People with autism and learning disabilities 'locked up' in hospitals, campaigners say

  • Video report from ITV Wales' Health Reporter, Katie Fenton

People with learning disabilities are being "locked up" in hospitals instead of being supported in their communities, according to a campaign group.

Campaigners say a shortage of appropriate housing and support for people with autism and learning disabilities means some are being separated from their families.

The Stolen Lives group launched a 'Homes Not Hospitals' petition outside the Senedd on Wednesday, 17 April, and say people with disabilities "had always been a forgotten group".

The Welsh Government denies people are being held "inappropriately".

140 people with a learning disability are being treated in specialised inpatient services in Wales and England, according to the Welsh Government.

The parents of an autistic man who was sectioned while in independent living accommodation have told ITV Wales he has been left traumatised by the experience.

Janis and Matthew Griffiths' son William was sectioned in 2019. They were eventually able to bring him home, but they are campaigning to try and stop this from happening to anyone else with similar needs.

Janis said when William gets the right care there are very few issues and he is able to go abroad and enjoy socialising.

She said: "He's lovely. When he meets you he'll want to know about you.

"He'll ask you about your birthday, your children, your pets and all the rest of it.

"Then, 10 years later when you see him again he'll ask: 'How's your dog?'

"He'll still remember those details about you. He's fascinating from that point of view. He's very easy, he's not much of a problem at all."

Janis told ITV Wales when William gets the right care there are very few issues. Credit: Family photo

Janis says she can't undo the trauma of what William went through when he was sectioned, but she wants somebody to pay attention to how people are treated.

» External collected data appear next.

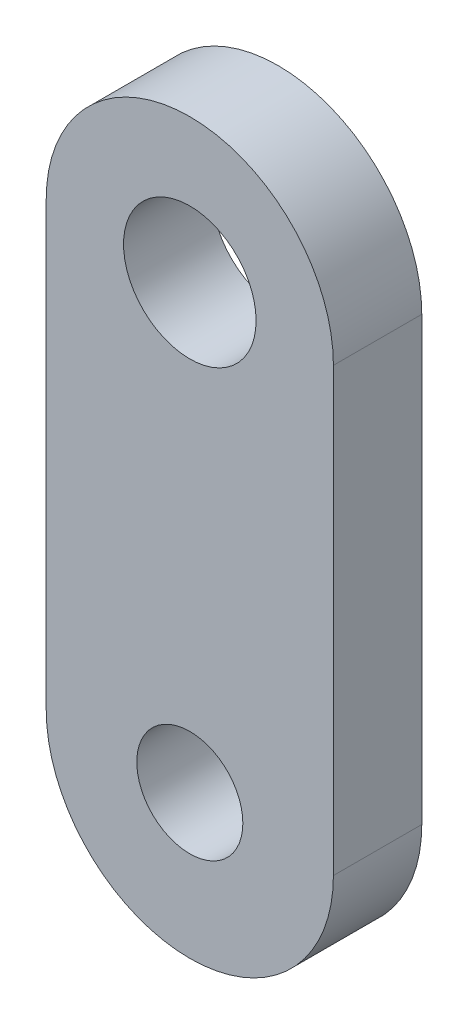
SolidWorks part; units mm, degrees
material "Plain Carbon Steel"
ref_plane "Front Plane" through (0, 0, 0) normal (0, 0, 1) x (1, 0, 0)
ref_plane "Top Plane" through (0, 0, 0) normal (0, 1, 0) x (1, 0, 0)
ref_plane "Right Plane" through (0, 0, 0) normal (1, 0, 0) x (0, 0, -1)
sketch "Sketch1" plane through (0, 0, 0) normal (0, 0, 1) x (1, 0, 0)
  line L0 (0, -1949.1539) -> (0, 95508.5399) construction
  line L1 (6.5, 0) -> (6.5, -20)
  line L2 (-6.5, -20) -> (-6.5, 0)
  circle A0 centre (0, 0) radius 3
  circle A1 centre (0, -20) radius 2.4
  arc A2 (6.5, 0) -> (-6.5, 0) centre (0, 0) ccw
  arc A3 (-6.5, -20) -> (6.5, -20) centre (0, -20) ccw
  dimension "D1" = 6.5
  dimension "D2" = 6
  dimension "D3" = 4.8
  dimension "D4" = 20
extrude "Boss-Extrude1" add sketch "Sketch1" along normal blind 4
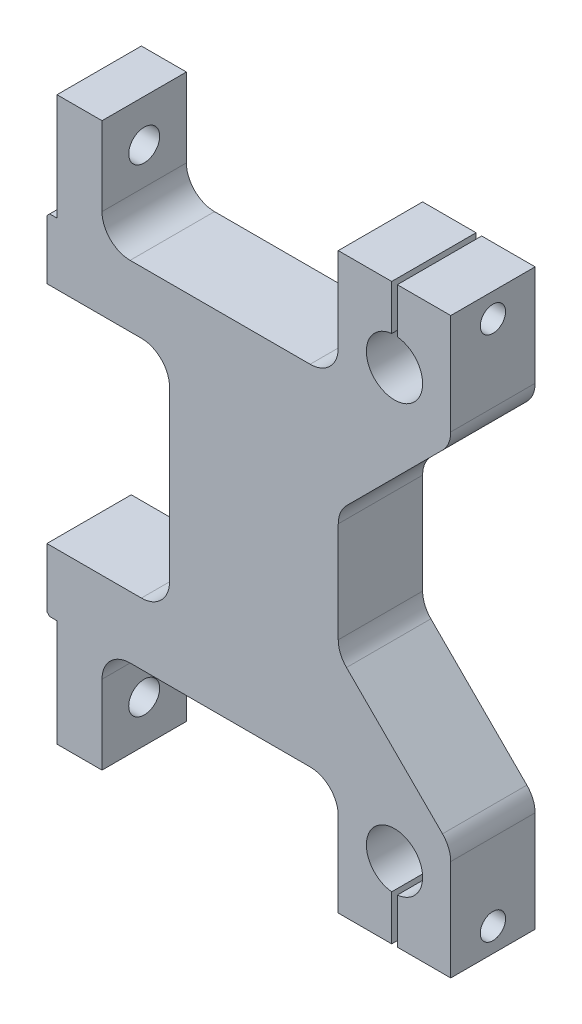
from build123d import *

# Parameters (mm, degrees)
BOSS_EXTRUDE1_DEPTH   = 40
SKETCH2_W             = 52
SKETCH2_H             = 20
CUT_EXTRUDE1_DEPTH    = 56
SKETCH3_R             = 5
CUT_EXTRUDE2_DEPTH    = 56
CHAMFER1_SIZE         = 20
SKETCH4_W             = 30
SKETCH4_H             = 11
BOSS_EXTRUDE2_DEPTH   = 15
SKETCH5_R             = 5
BOSS_EXTRUDE3_DEPTH   = 15
SKETCH6_W             = 45
SKETCH6_H             = 20
BOSS_EXTRUDE4_DEPTH   = 10
CUT_EXTRUDE3_REACH    = 134.714
SKETCH8_W             = 47.061475946
SKETCH8_H             = 40
SKETCH9_W             = 45
SKETCH9_H             = 19
BOSS_EXTRUDE5_DEPTH   = 8
SKETCH11_R            = 2.75
CUT_EXTRUDE4_DEPTH    = 37
SKETCH12_W            = 30
SKETCH12_H            = 100
CUT_EXTRUDE5_DEPTH    = 112
SKETCH13_W            = 0.2
SKETCH13_H            = 62
CUT_EXTRUDE6_DEPTH    = 112
CHAMFER2_SIZE         = 0.5
SKETCH14_W            = 1
SKETCH14_H            = 9.442903458
CUT_EXTRUDE7_DEPTH    = 29
SKETCH15_R            = 2.25
CUT_EXTRUDE8_DEPTH    = 9.5
M4_TAPPED_HOLE1_D     = 3.3
M4_TAPPED_HOLE1_DEPTH = 9.5
M4_TAPPED_HOLE2_D     = 3.3
M4_TAPPED_HOLE2_DEPTH = 9.5
FILLET1_R             = 5


with BuildPart() as part:
    # Sketch1 → Boss-Extrude1 (new body)
    with BuildSketch(Plane(origin=(0, 0, 0), x_dir=(1, 0, 0), z_dir=(0, 1, 0))):
        Polygon((0, 0), (72, 0), (72, 15), (10, 15), (10, 45), (0, 45), align=None)
    extrude(amount=BOSS_EXTRUDE1_DEPTH)

    # Sketch2 → Cut-Extrude1 (cut)
    with BuildSketch(Plane.XY):
        with Locations((26, 10)):
            Rectangle(SKETCH2_W, SKETCH2_H)
    extrude(amount=-CUT_EXTRUDE1_DEPTH, mode=Mode.SUBTRACT)

    # Sketch3 → Cut-Extrude2 (cut)
    with BuildSketch(Plane.XY):
        with Locations((62, 13)):
            Circle(SKETCH3_R)
    extrude(amount=-CUT_EXTRUDE2_DEPTH, mode=Mode.SUBTRACT)

    # Chamfer1
    chamfer1_edges = [part.edges().sort_by_distance(p)[0] for p in [
        (72, 40, -7.5),
    ]]
    chamfer(chamfer1_edges, length=CHAMFER1_SIZE)

    # Sketch4 → Boss-Extrude2 (add)
    with BuildSketch(Plane.XY):
        with Locations((37, 45.5)):
            Rectangle(SKETCH4_W, SKETCH4_H)
    extrude(amount=-BOSS_EXTRUDE2_DEPTH)

    # Sketch5 → Boss-Extrude3 (add)
    with BuildSketch(Plane.XY):
        Polygon((22, 51), (52, 51), (52, 62), (72, 82), (72, 102), (52, 102), (52, 82), (0, 82), (0, 62), (22, 62), align=None)
        with Locations((62, 89)):
            Circle(SKETCH5_R, mode=Mode.SUBTRACT)
    extrude(amount=-BOSS_EXTRUDE3_DEPTH)

    # Sketch6 → Boss-Extrude4 (add)
    with BuildSketch(Plane.ZY):
        with Locations((-22.5, 30)):
            Rectangle(SKETCH6_W, SKETCH6_H)
        with Locations((-22.5, 72)):
            Rectangle(SKETCH6_W, SKETCH6_H)
    extrude(amount=-BOSS_EXTRUDE4_DEPTH)

    # Cut-Extrude3: up to this face of the body (flat: up to its plane)
    cut_extrude3_end = Plane(part.part.faces().sort_by_distance((22, 51, -7.5))[0])
    # Sketch8 → Cut-Extrude3 (cut, up to the picked face)
    with BuildSketch(Plane.ZY, mode=Mode.PRIVATE) as cut_extrude3_sk1:
        with Locations((-21.469262027, 51)):
            Rectangle(SKETCH8_W, SKETCH8_H)
    cut_extrude3_tool1 = split(extrude(cut_extrude3_sk1.sketch, amount=-CUT_EXTRUDE3_REACH, mode=Mode.PRIVATE), bisect_by=cut_extrude3_end, keep=Keep.BOTH, mode=Mode.PRIVATE)
    add(cut_extrude3_tool1.solids().sort_by(Axis((0, 51, -21.469262), (1, 0, 0)))[0], mode=Mode.SUBTRACT)

    # Sketch9 → Boss-Extrude5 (add)
    with BuildSketch(Plane(origin=(10, 0, 0), x_dir=(0, 0, -1), z_dir=(1, 0, 0))):
        with Locations((22.5, 91.5)):
            Rectangle(SKETCH9_W, SKETCH9_H)
        with Locations((22.5, 10.5)):
            Rectangle(SKETCH9_W, SKETCH9_H)
    extrude(amount=-BOSS_EXTRUDE5_DEPTH)

    # Sketch11 → Cut-Extrude4 (cut)
    with BuildSketch(Plane(origin=(10, 0, 0), x_dir=(0, 0, -1), z_dir=(1, 0, 0))):
        with Locations((7.5, 93.5)):
            Circle(SKETCH11_R)
        with Locations(Location((7.5, 8.5, 0), (0, 0, 180))):
            Circle(SKETCH11_R)
    extrude(amount=-CUT_EXTRUDE4_DEPTH, mode=Mode.SUBTRACT)

    # Sketch12 → Cut-Extrude5 (cut)
    with BuildSketch(Plane(origin=(72, 0, 0), x_dir=(0, 0, -1), z_dir=(1, 0, 0))):
        with Locations((30, 51)):
            Rectangle(SKETCH12_W, SKETCH12_H)
    extrude(amount=-CUT_EXTRUDE5_DEPTH, mode=Mode.SUBTRACT)

    # Sketch13 → Cut-Extrude6 (cut)
    with BuildSketch(Plane.XY):
        with Locations((0.1, 51)):
            Rectangle(SKETCH13_W, SKETCH13_H)
    extrude(amount=-CUT_EXTRUDE6_DEPTH, mode=Mode.SUBTRACT)

    # Chamfer2
    chamfer2_edges = [part.edges().sort_by_distance(p)[0] for p in [
        (0.2, 20, -7.5),
        (0.2, 82, -7.5),
    ]]
    chamfer(chamfer2_edges, length=CHAMFER2_SIZE)

    # Sketch14 → Cut-Extrude7 (cut)
    with BuildSketch(Plane.XY):
        with Locations((62, 4.721451729)):
            Rectangle(SKETCH14_W, SKETCH14_H)
        with Locations((62, 97.278548271)):
            Rectangle(SKETCH14_W, SKETCH14_H)
    extrude(amount=-CUT_EXTRUDE7_DEPTH, mode=Mode.SUBTRACT)

    # Sketch15 → Cut-Extrude8 (cut)
    with BuildSketch(Plane(origin=(72, 0, 0), x_dir=(0, 0, -1), z_dir=(1, 0, 0))):
        with Locations((7.5, 97.75)):
            Circle(SKETCH15_R)
        with Locations((7.5, 4.25)):
            Circle(SKETCH15_R)
    extrude(amount=-CUT_EXTRUDE8_DEPTH, mode=Mode.SUBTRACT)

    # M4 Tapped Hole1
    with Locations(Plane(origin=(61.5, 97.75, -7.5), x_dir=(0, 0, 1), z_dir=(1, 0, 0))):
        with Locations((0, 0)):
            Hole(M4_TAPPED_HOLE1_D / 2, depth=M4_TAPPED_HOLE1_DEPTH)

    # M4 Tapped Hole2
    with Locations(Plane(origin=(61.5, 4.25, -7.5), x_dir=(0, 0, 1), z_dir=(1, 0, 0))):
        with Locations((0, 0)):
            Hole(M4_TAPPED_HOLE2_D / 2, depth=M4_TAPPED_HOLE2_DEPTH)

    # Fillet1
    fillet1_edges = [part.edges().sort_by_distance(p)[0] for p in [
        (72, 20, -7.5),
        (72, 82, -7.5),
        (52, 62, -7.5),
        (52, 40, -7.5),
        (52, 82, -7.5),
        (10, 82, -7.5),
        (22, 71, -7.5),
        (22, 31, -7.5),
        (10, 20, -7.5),
        (52, 20, -7.5),
    ]]
    fillet(fillet1_edges, radius=FILLET1_R)


solid = part.part

William's dad Matthew said: "It was deeply traumatic for all those involved. He still exhibits symptoms of PTSD.

"This is an enduring trauma that doesn't just stop when he goes into appropriate care. No matter how well he's cared for now, and he is well looked after, our trauma survives and is not entirely buried."

Describing what William's experience in the mental health unit was like, Janis said: "He was frozen. He wouldn't move. He was like a scared rabbit.

"We would take him out and he would still keep saying 'why have they done this to me? Why can't I go back? What have I done wrong?'

"He was just awful and we took him out and he would tell us stories. Obviously you have to believe what he says with care but I believe some of what he says was true.

"They were dreadful circumstances."

A Welsh Government spokesperson said: “We take the care of vulnerable people very seriously and are committed to reducing the number of people with a learning disability who are housed in a hospital setting.

“We do not agree that people are being systematically detained inappropriately in mental health units.

“When people with a learning disability are occasionally admitted to a mental health unit, it is vitally important they receive care appropriate to meet their individual needs.

"This means that they must have a care plan, which is reviewed regularly and discharge planning and options around future accommodation needs are fully considered.

“Health boards and local authorities continue to work to ensure sufficient, suitable and appropriate accommodation is provided in local communities to facilitate step-down provision for those leaving inpatient accommodation.”

Speaking in the Senedd, Mark Isherwood, Conservative MS for North Wales and chair of the Senedd cross-party groups on autism and disability, said: "There has been a learning disability strategy in place in Wales since 2018, which seeks to ensure that autistic people or people with a learning disability who are in long-term placements are discharged and able to live their lives in the community.

"However, Learning Disability Wales states that ‘approximately 150 autistic people or people with a learning disability are known to be in a hospital setting, over two thirds for over 10 years’, although numbers don't include all people and all settings.

"We therefore need to know why such a high number are still in long-term hospital placements. I call for a statement accordingly.”

Jane Hutt MS said: "Certainly, that will be taken back, acknowledged and taken forward in terms of a response to the event."